Across Great Britain, more than five million people get paid less than the living wage. However here in the North West that figure rises to nearer one in four and in some parts is much higher. Blackpool South tops the list of living wage black spots in the North West, with 42.1 per cent of the jobs based there paying less than the living wage. This is followed by Heywood and Middleton (39.8 per cent), South Ribble (38.1 per cent), West Lancashire (37.7 per cent) and Leigh (36.7 per cent). Both Blackpool South and Heywood and Middleton feature in the top 10 of living wage black spots nationally, 7th and 9th respectively.

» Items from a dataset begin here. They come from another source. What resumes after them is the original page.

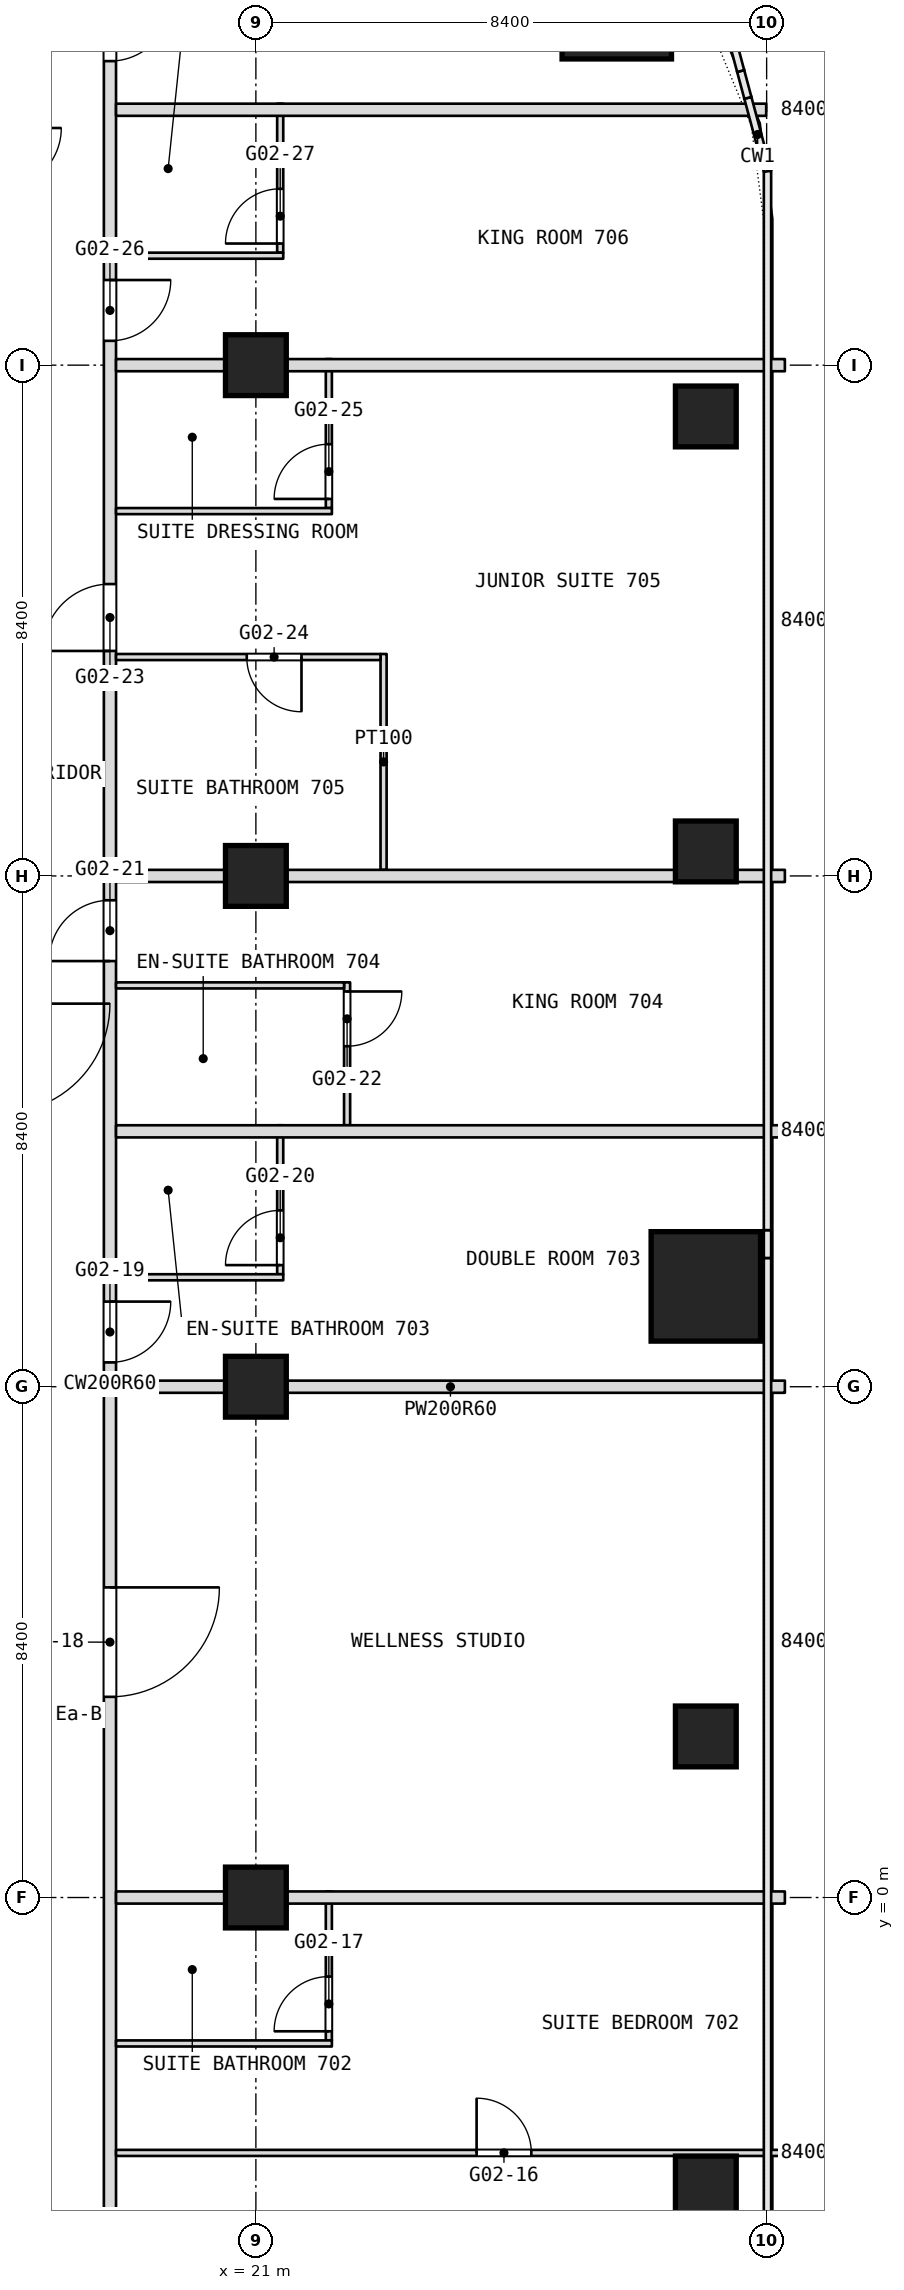
"""IFC4 building model, lengths in metres.
Left out: names, types, materials, properties, quantities, classifications, styles, units other than length and angle.
Written with IfcOpenShell. Run it as: python <this file> out.ifc"""

import sys

from ifc_helpers import new_model, si_unit, direction, frame, frame_2d, origin, origin_2d, place, context, subcontext, project, spatial, rectangle, extrude, element, fill, save


model = new_model("IFC4")
c1 = context("Model", 3, precision=1e-05, world=origin(), true_north=direction((0.0, 1.0)))
c2 = subcontext(c1, "Body", "Model", "MODEL_VIEW")
j1 = project(units=[si_unit("LENGTHUNIT", "METRE"), si_unit("PLANEANGLEUNIT", "RADIAN")], contexts=[c1])
p1 = place(None, origin())
s1 = spatial("IfcSite", under=j1, at=p1, CompositionType="ELEMENT")
p2 = place(p1, origin())
s2 = spatial("IfcBuilding", under=s1, at=p2, CompositionType="ELEMENT")
p3 = place(p2, frame((0.0, 0.0, 40.1)))
s3 = spatial("IfcBuildingStorey", under=s2, at=p3, CompositionType="ELEMENT", Elevation=40.1)
for number, where, z_axis, x_axis in (
    (1, (28.4, 10.05, 0.0), (0.0, 0.0, 1.0), (1.0, 0.0, 0.0)),
    (2, (26.936, 31.135, 0.0), (0.0, 0.0, 1.0), (1.0, 0.0, 0.0)),
):
    element("IfcColumn", number, at=place(p3, frame(where, z_axis=z_axis, x_axis=x_axis)), inside=s3, PredefinedType="COLUMN", context=c2, shape_type="SweptSolid", body=[
        extrude(rectangle(XDim=1.8, YDim=1.8, at=origin_2d()), origin(), (0.0, 0.0, 1.0), 3.6),
    ])
for number, where, z_axis, x_axis in (
    (3, (21.0, 0.0, 0.0), (0.0, 0.0, 1.0), (1.0, 0.0, 0.0)),
    (4, (21.0, 8.4, 0.0), (0.0, 0.0, 1.0), (1.0, 0.0, 0.0)),
    (5, (21.0, 16.8, 0.0), (0.0, 0.0, 1.0), (1.0, 0.0, 0.0)),
    (6, (21.0, 25.2, 0.0), (0.0, 0.0, 1.0), (1.0, 0.0, 0.0)),
    (7, (28.4, 24.356, 0.0), (0.0, 0.0, 1.0), (1.0, 0.0, 0.0)),
    (8, (28.4, 17.203, 0.0), (0.0, 0.0, 1.0), (1.0, 0.0, 0.0)),
    (9, (28.4, 2.649, 0.0), (0.0, 0.0, 1.0), (1.0, 0.0, 0.0)),
    (10, (28.4, -4.752, 0.0), (0.0, 0.0, 1.0), (1.0, 0.0, 0.0)),
):
    element("IfcColumn", number, at=place(p3, frame(where, z_axis=z_axis, x_axis=x_axis)), inside=s3, PredefinedType="COLUMN", context=c2, shape_type="SweptSolid", body=[
        extrude(rectangle(XDim=1.0, YDim=1.0, at=origin_2d()), origin(), (0.0, 0.0, 1.0), 3.6),
    ])
p4 = place(p3, frame((23.1, 16.9, 0.0), z_axis=(0.0, 0.0, 1.0), x_axis=(0.0, 1.0, 0.0)))
e11 = element("IfcWall", 11, at=p4, inside=s3, PredefinedType="PARTITIONING", context=c2, shape_type="SweptSolid", body=[
    extrude(rectangle(XDim=3.55, YDim=0.1, at=frame_2d((1.775, 0.0))), origin(), (0.0, 0.0, 1.0), 3.34),
])
p5 = place(p3, frame((22.5, 12.7, 0.0), z_axis=(0.0, 0.0, 1.0), x_axis=(0.0, 1.0, 0.0)))
e12 = element("IfcWall", 12, at=p5, inside=s3, PredefinedType="PARTITIONING", context=c2, shape_type="SweptSolid", body=[
    extrude(rectangle(XDim=2.35, YDim=0.1, at=frame_2d((1.175, 0.0))), origin(), (0.0, 0.0, 1.0), 3.34),
])
p6 = place(p5, frame((1.3, 0.0, 0.0)))
e13 = element("IfcOpeningElement", 13, at=p6, cuts=e12, PredefinedType="OPENING", context=c2, shape_type="SweptSolid", body=[
    extrude(rectangle(XDim=0.9, YDim=2.1, at=frame_2d((0.45, 1.05))), frame((0.0, 0.05, 0.0), z_axis=(0.0, -1.0, 0.0), x_axis=(1.0, 0.0, 0.0)), (0.0, 0.0, 1.0), 0.1),
])
p7 = place(p3, frame((22.2, -2.35, 0.0), z_axis=(0.0, 0.0, 1.0), x_axis=(0.0, 1.0, 0.0)))
e14 = element("IfcWall", 14, at=p7, inside=s3, PredefinedType="PARTITIONING", context=c2, shape_type="SweptSolid", body=[
    extrude(rectangle(XDim=2.45, YDim=0.1, at=frame_2d((1.225, 0.0))), origin(), (0.0, 0.0, 1.0), 3.34),
])
p8 = place(p7, frame((0.15, 0.0, 0.0)))
e15 = element("IfcOpeningElement", 15, at=p8, cuts=e14, PredefinedType="OPENING", context=c2, shape_type="SweptSolid", body=[
    extrude(rectangle(XDim=0.9, YDim=2.1, at=frame_2d((0.45, 1.05))), frame((0.0, 0.05, 0.0), z_axis=(0.0, -1.0, 0.0), x_axis=(1.0, 0.0, 0.0)), (0.0, 0.0, 1.0), 0.1),
])
p9 = place(p3, frame((22.2, 22.85, 0.0), z_axis=(0.0, 0.0, 1.0), x_axis=(0.0, 1.0, 0.0)))
e16 = element("IfcWall", 16, at=p9, inside=s3, PredefinedType="PARTITIONING", context=c2, shape_type="SweptSolid", body=[
    extrude(rectangle(XDim=2.45, YDim=0.1, at=frame_2d((1.225, 0.0))), origin(), (0.0, 0.0, 1.0), 3.34),
])
p10 = place(p9, frame((0.15, 0.0, 0.0)))
e17 = element("IfcOpeningElement", 17, at=p10, cuts=e16, PredefinedType="OPENING", context=c2, shape_type="SweptSolid", body=[
    extrude(rectangle(XDim=0.9, YDim=2.1, at=frame_2d((0.45, 1.05))), frame((0.0, 0.05, 0.0), z_axis=(0.0, -1.0, 0.0), x_axis=(1.0, 0.0, 0.0)), (0.0, 0.0, 1.0), 0.1),
])
p11 = place(p3, frame((21.4, 10.25, 0.0), z_axis=(0.0, 0.0, 1.0), x_axis=(0.0, 1.0, 0.0)))
e18 = element("IfcWall", 18, at=p11, inside=s3, PredefinedType="PARTITIONING", context=c2, shape_type="SweptSolid", body=[
    extrude(rectangle(XDim=2.45, YDim=0.1, at=frame_2d((1.225, 0.0))), origin(), (0.0, 0.0, 1.0), 3.34),
])
p12 = place(p11, frame((0.15, 0.0, 0.0)))
e19 = element("IfcOpeningElement", 19, at=p12, cuts=e18, PredefinedType="OPENING", context=c2, shape_type="SweptSolid", body=[
    extrude(rectangle(XDim=0.9, YDim=2.1, at=frame_2d((0.45, 1.05))), frame((0.0, 0.05, 0.0), z_axis=(0.0, -1.0, 0.0), x_axis=(1.0, 0.0, 0.0)), (0.0, 0.0, 1.0), 0.1),
])
p13 = place(p3, frame((21.4, 27.05, 0.0), z_axis=(0.0, 0.0, 1.0), x_axis=(0.0, 1.0, 0.0)))
e20 = element("IfcWall", 20, at=p13, inside=s3, PredefinedType="PARTITIONING", context=c2, shape_type="SweptSolid", body=[
    extrude(rectangle(XDim=2.45, YDim=0.1, at=frame_2d((1.225, 0.0))), origin(), (0.0, 0.0, 1.0), 3.34),
])
p14 = place(p13, frame((0.15, 0.0, 0.0)))
e21 = element("IfcOpeningElement", 21, at=p14, cuts=e20, PredefinedType="OPENING", context=c2, shape_type="SweptSolid", body=[
    extrude(rectangle(XDim=0.9, YDim=2.1, at=frame_2d((0.45, 1.05))), frame((0.0, 0.05, 0.0), z_axis=(0.0, -1.0, 0.0), x_axis=(1.0, 0.0, 0.0)), (0.0, 0.0, 1.0), 0.1),
])
p15 = place(p3, frame((18.6, -16.665, 0.0), z_axis=(0.0, 0.0, 1.0), x_axis=(0.0, 1.0, 0.0)))
e22 = element("IfcWall", 22, at=p15, inside=s3, PredefinedType="PARTITIONING", context=c2, shape_type="SweptSolid", body=[
    extrude(rectangle(XDim=50.205, YDim=0.2, at=frame_2d((25.103, 0.0))), origin(), (0.0, 0.0, 1.0), 3.34),
])
p16 = place(p15, frame((4.0, 0.0, 0.0)))
e23 = element("IfcOpeningElement", 23, at=p16, cuts=e22, PredefinedType="OPENING", context=c2, shape_type="SweptSolid", body=[
    extrude(rectangle(XDim=1.1, YDim=2.1, at=frame_2d((0.55, 1.05))), frame((0.0, 0.1, 0.0), z_axis=(0.0, -1.0, 0.0), x_axis=(1.0, 0.0, 0.0)), (0.0, 0.0, 1.0), 0.2),
])
p17 = place(p15, frame((9.815, 0.0, 0.0)))
e24 = element("IfcOpeningElement", 24, at=p17, cuts=e22, PredefinedType="OPENING", context=c2, shape_type="SweptSolid", body=[
    extrude(rectangle(XDim=1.1, YDim=2.1, at=frame_2d((0.55, 1.05))), frame((0.0, 0.1, 0.0), z_axis=(0.0, -1.0, 0.0), x_axis=(1.0, 0.0, 0.0)), (0.0, 0.0, 1.0), 0.2),
])
p18 = place(p15, frame((19.965, 0.0, 0.0)))
e25 = element("IfcOpeningElement", 25, at=p18, cuts=e22, PredefinedType="OPENING", context=c2, shape_type="SweptSolid", body=[
    extrude(rectangle(XDim=1.8, YDim=2.1, at=frame_2d((0.9, 1.05))), frame((0.0, 0.1, 0.0), z_axis=(0.0, -1.0, 0.0), x_axis=(1.0, 0.0, 0.0)), (0.0, 0.0, 1.0), 0.2),
])
p19 = place(p15, frame((25.465, 0.0, 0.0)))
e26 = element("IfcOpeningElement", 26, at=p19, cuts=e22, PredefinedType="OPENING", context=c2, shape_type="SweptSolid", body=[
    extrude(rectangle(XDim=1.0, YDim=2.1, at=frame_2d((0.5, 1.05))), frame((0.0, 0.1, 0.0), z_axis=(0.0, -1.0, 0.0), x_axis=(1.0, 0.0, 0.0)), (0.0, 0.0, 1.0), 0.2),
])
p20 = place(p15, frame((32.065, 0.0, 0.0)))
e27 = element("IfcOpeningElement", 27, at=p20, cuts=e22, PredefinedType="OPENING", context=c2, shape_type="SweptSolid", body=[
    extrude(rectangle(XDim=1.0, YDim=2.1, at=frame_2d((0.5, 1.05))), frame((0.0, 0.1, 0.0), z_axis=(0.0, -1.0, 0.0), x_axis=(1.0, 0.0, 0.0)), (0.0, 0.0, 1.0), 0.2),
])
p21 = place(p15, frame((37.165, 0.0, 0.0)))
e28 = element("IfcOpeningElement", 28, at=p21, cuts=e22, PredefinedType="OPENING", context=c2, shape_type="SweptSolid", body=[
    extrude(rectangle(XDim=1.1, YDim=2.1, at=frame_2d((0.55, 1.05))), frame((0.0, 0.1, 0.0), z_axis=(0.0, -1.0, 0.0), x_axis=(1.0, 0.0, 0.0)), (0.0, 0.0, 1.0), 0.2),
])
p22 = place(p15, frame((42.265, 0.0, 0.0)))
e29 = element("IfcOpeningElement", 29, at=p22, cuts=e22, PredefinedType="OPENING", context=c2, shape_type="SweptSolid", body=[
    extrude(rectangle(XDim=1.0, YDim=2.1, at=frame_2d((0.5, 1.05))), frame((0.0, 0.1, 0.0), z_axis=(0.0, -1.0, 0.0), x_axis=(1.0, 0.0, 0.0)), (0.0, 0.0, 1.0), 0.2),
])
p23 = place(p15, frame((46.865, 0.0, 0.0)))
e30 = element("IfcOpeningElement", 30, at=p23, cuts=e22, PredefinedType="OPENING", context=c2, shape_type="SweptSolid", body=[
    extrude(rectangle(XDim=1.0, YDim=2.1, at=frame_2d((0.5, 1.05))), frame((0.0, 0.1, 0.0), z_axis=(0.0, -1.0, 0.0), x_axis=(1.0, 0.0, 0.0)), (0.0, 0.0, 1.0), 0.2),
])
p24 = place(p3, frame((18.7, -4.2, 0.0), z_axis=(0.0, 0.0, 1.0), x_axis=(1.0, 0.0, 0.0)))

For working women the picture is even bleaker. Across the UK, 26.6 per cent of women are paid below the living wage, rising to 28.9 per cent here in the North West. In constituencies across the region, again the figure is much higher. In both Heywood & Middleton and Blackpool South, more than half of women are paid less than the living wage (53.9 per cent and 50.7 per cent respectively), followed by Leigh (49.1 per cent), West Lancashire (48.3 per cent) and South Ribble (47.9%). Three North West constituencies feature in the top 10 this time, Heywood and Middleton is 5th, Blackpool South is 7th and Leigh is 10th.

At the other end of the income scale, in some parts of the North West workers fare much better. Just 12.4 per cent of jobs in Blackley and Broughton pay less than the living wage, followed by Salford and Eccles (12.7 per cent), Manchester Central (15.6 per cent), and Crewe and Nantwich (16.5 per cent).

MP Rosie said:
“It is disappointing to see West Lancashire near the top of the list of living wage blackspots.

“I have campaigned in recent times for gender pay gap transparency and have been actively campaigning for the closing of the gender pay gap.

“There are far too many hard-working families in West Lancashire who despite being in work still find it difficult to make ends meet. High prices and falling real wages add pressure to the cost of living, which is why I am backing action to secure a living wage.

“We need to build on the national minimum wage to ensure that paid work keeps pace with the cost of living and therefore can ensure those in work are able to live, not just merely survive.”

North West TUC Regional Secretary Lynn Collins said:
“Extending the living wage is a vital step towards tackling the growing problem of in-work poverty here in the North West and Britain as a whole.

“Working families have experienced the biggest squeeze on their living standards since Victorian times, and these living wage figures show that women have been hit the hardest.

“Pay has been squeezed at all levels below the boardroom, and it’s time that the government and employers recognised that Britain Needs a Pay Rise. Without action on pay and the living wage it will take years to get spending power back into our economy.

“The number of living wage employers are growing rapidly, which is great news and unions are playing their part in encouraging more employers to sign up and pay it.

“But we need to see a far wider commitment to pay the living wage from government, employers and modern wages councils – to drive up productivity and set higher minimum rates in industries where employers can afford to pay their staff more.”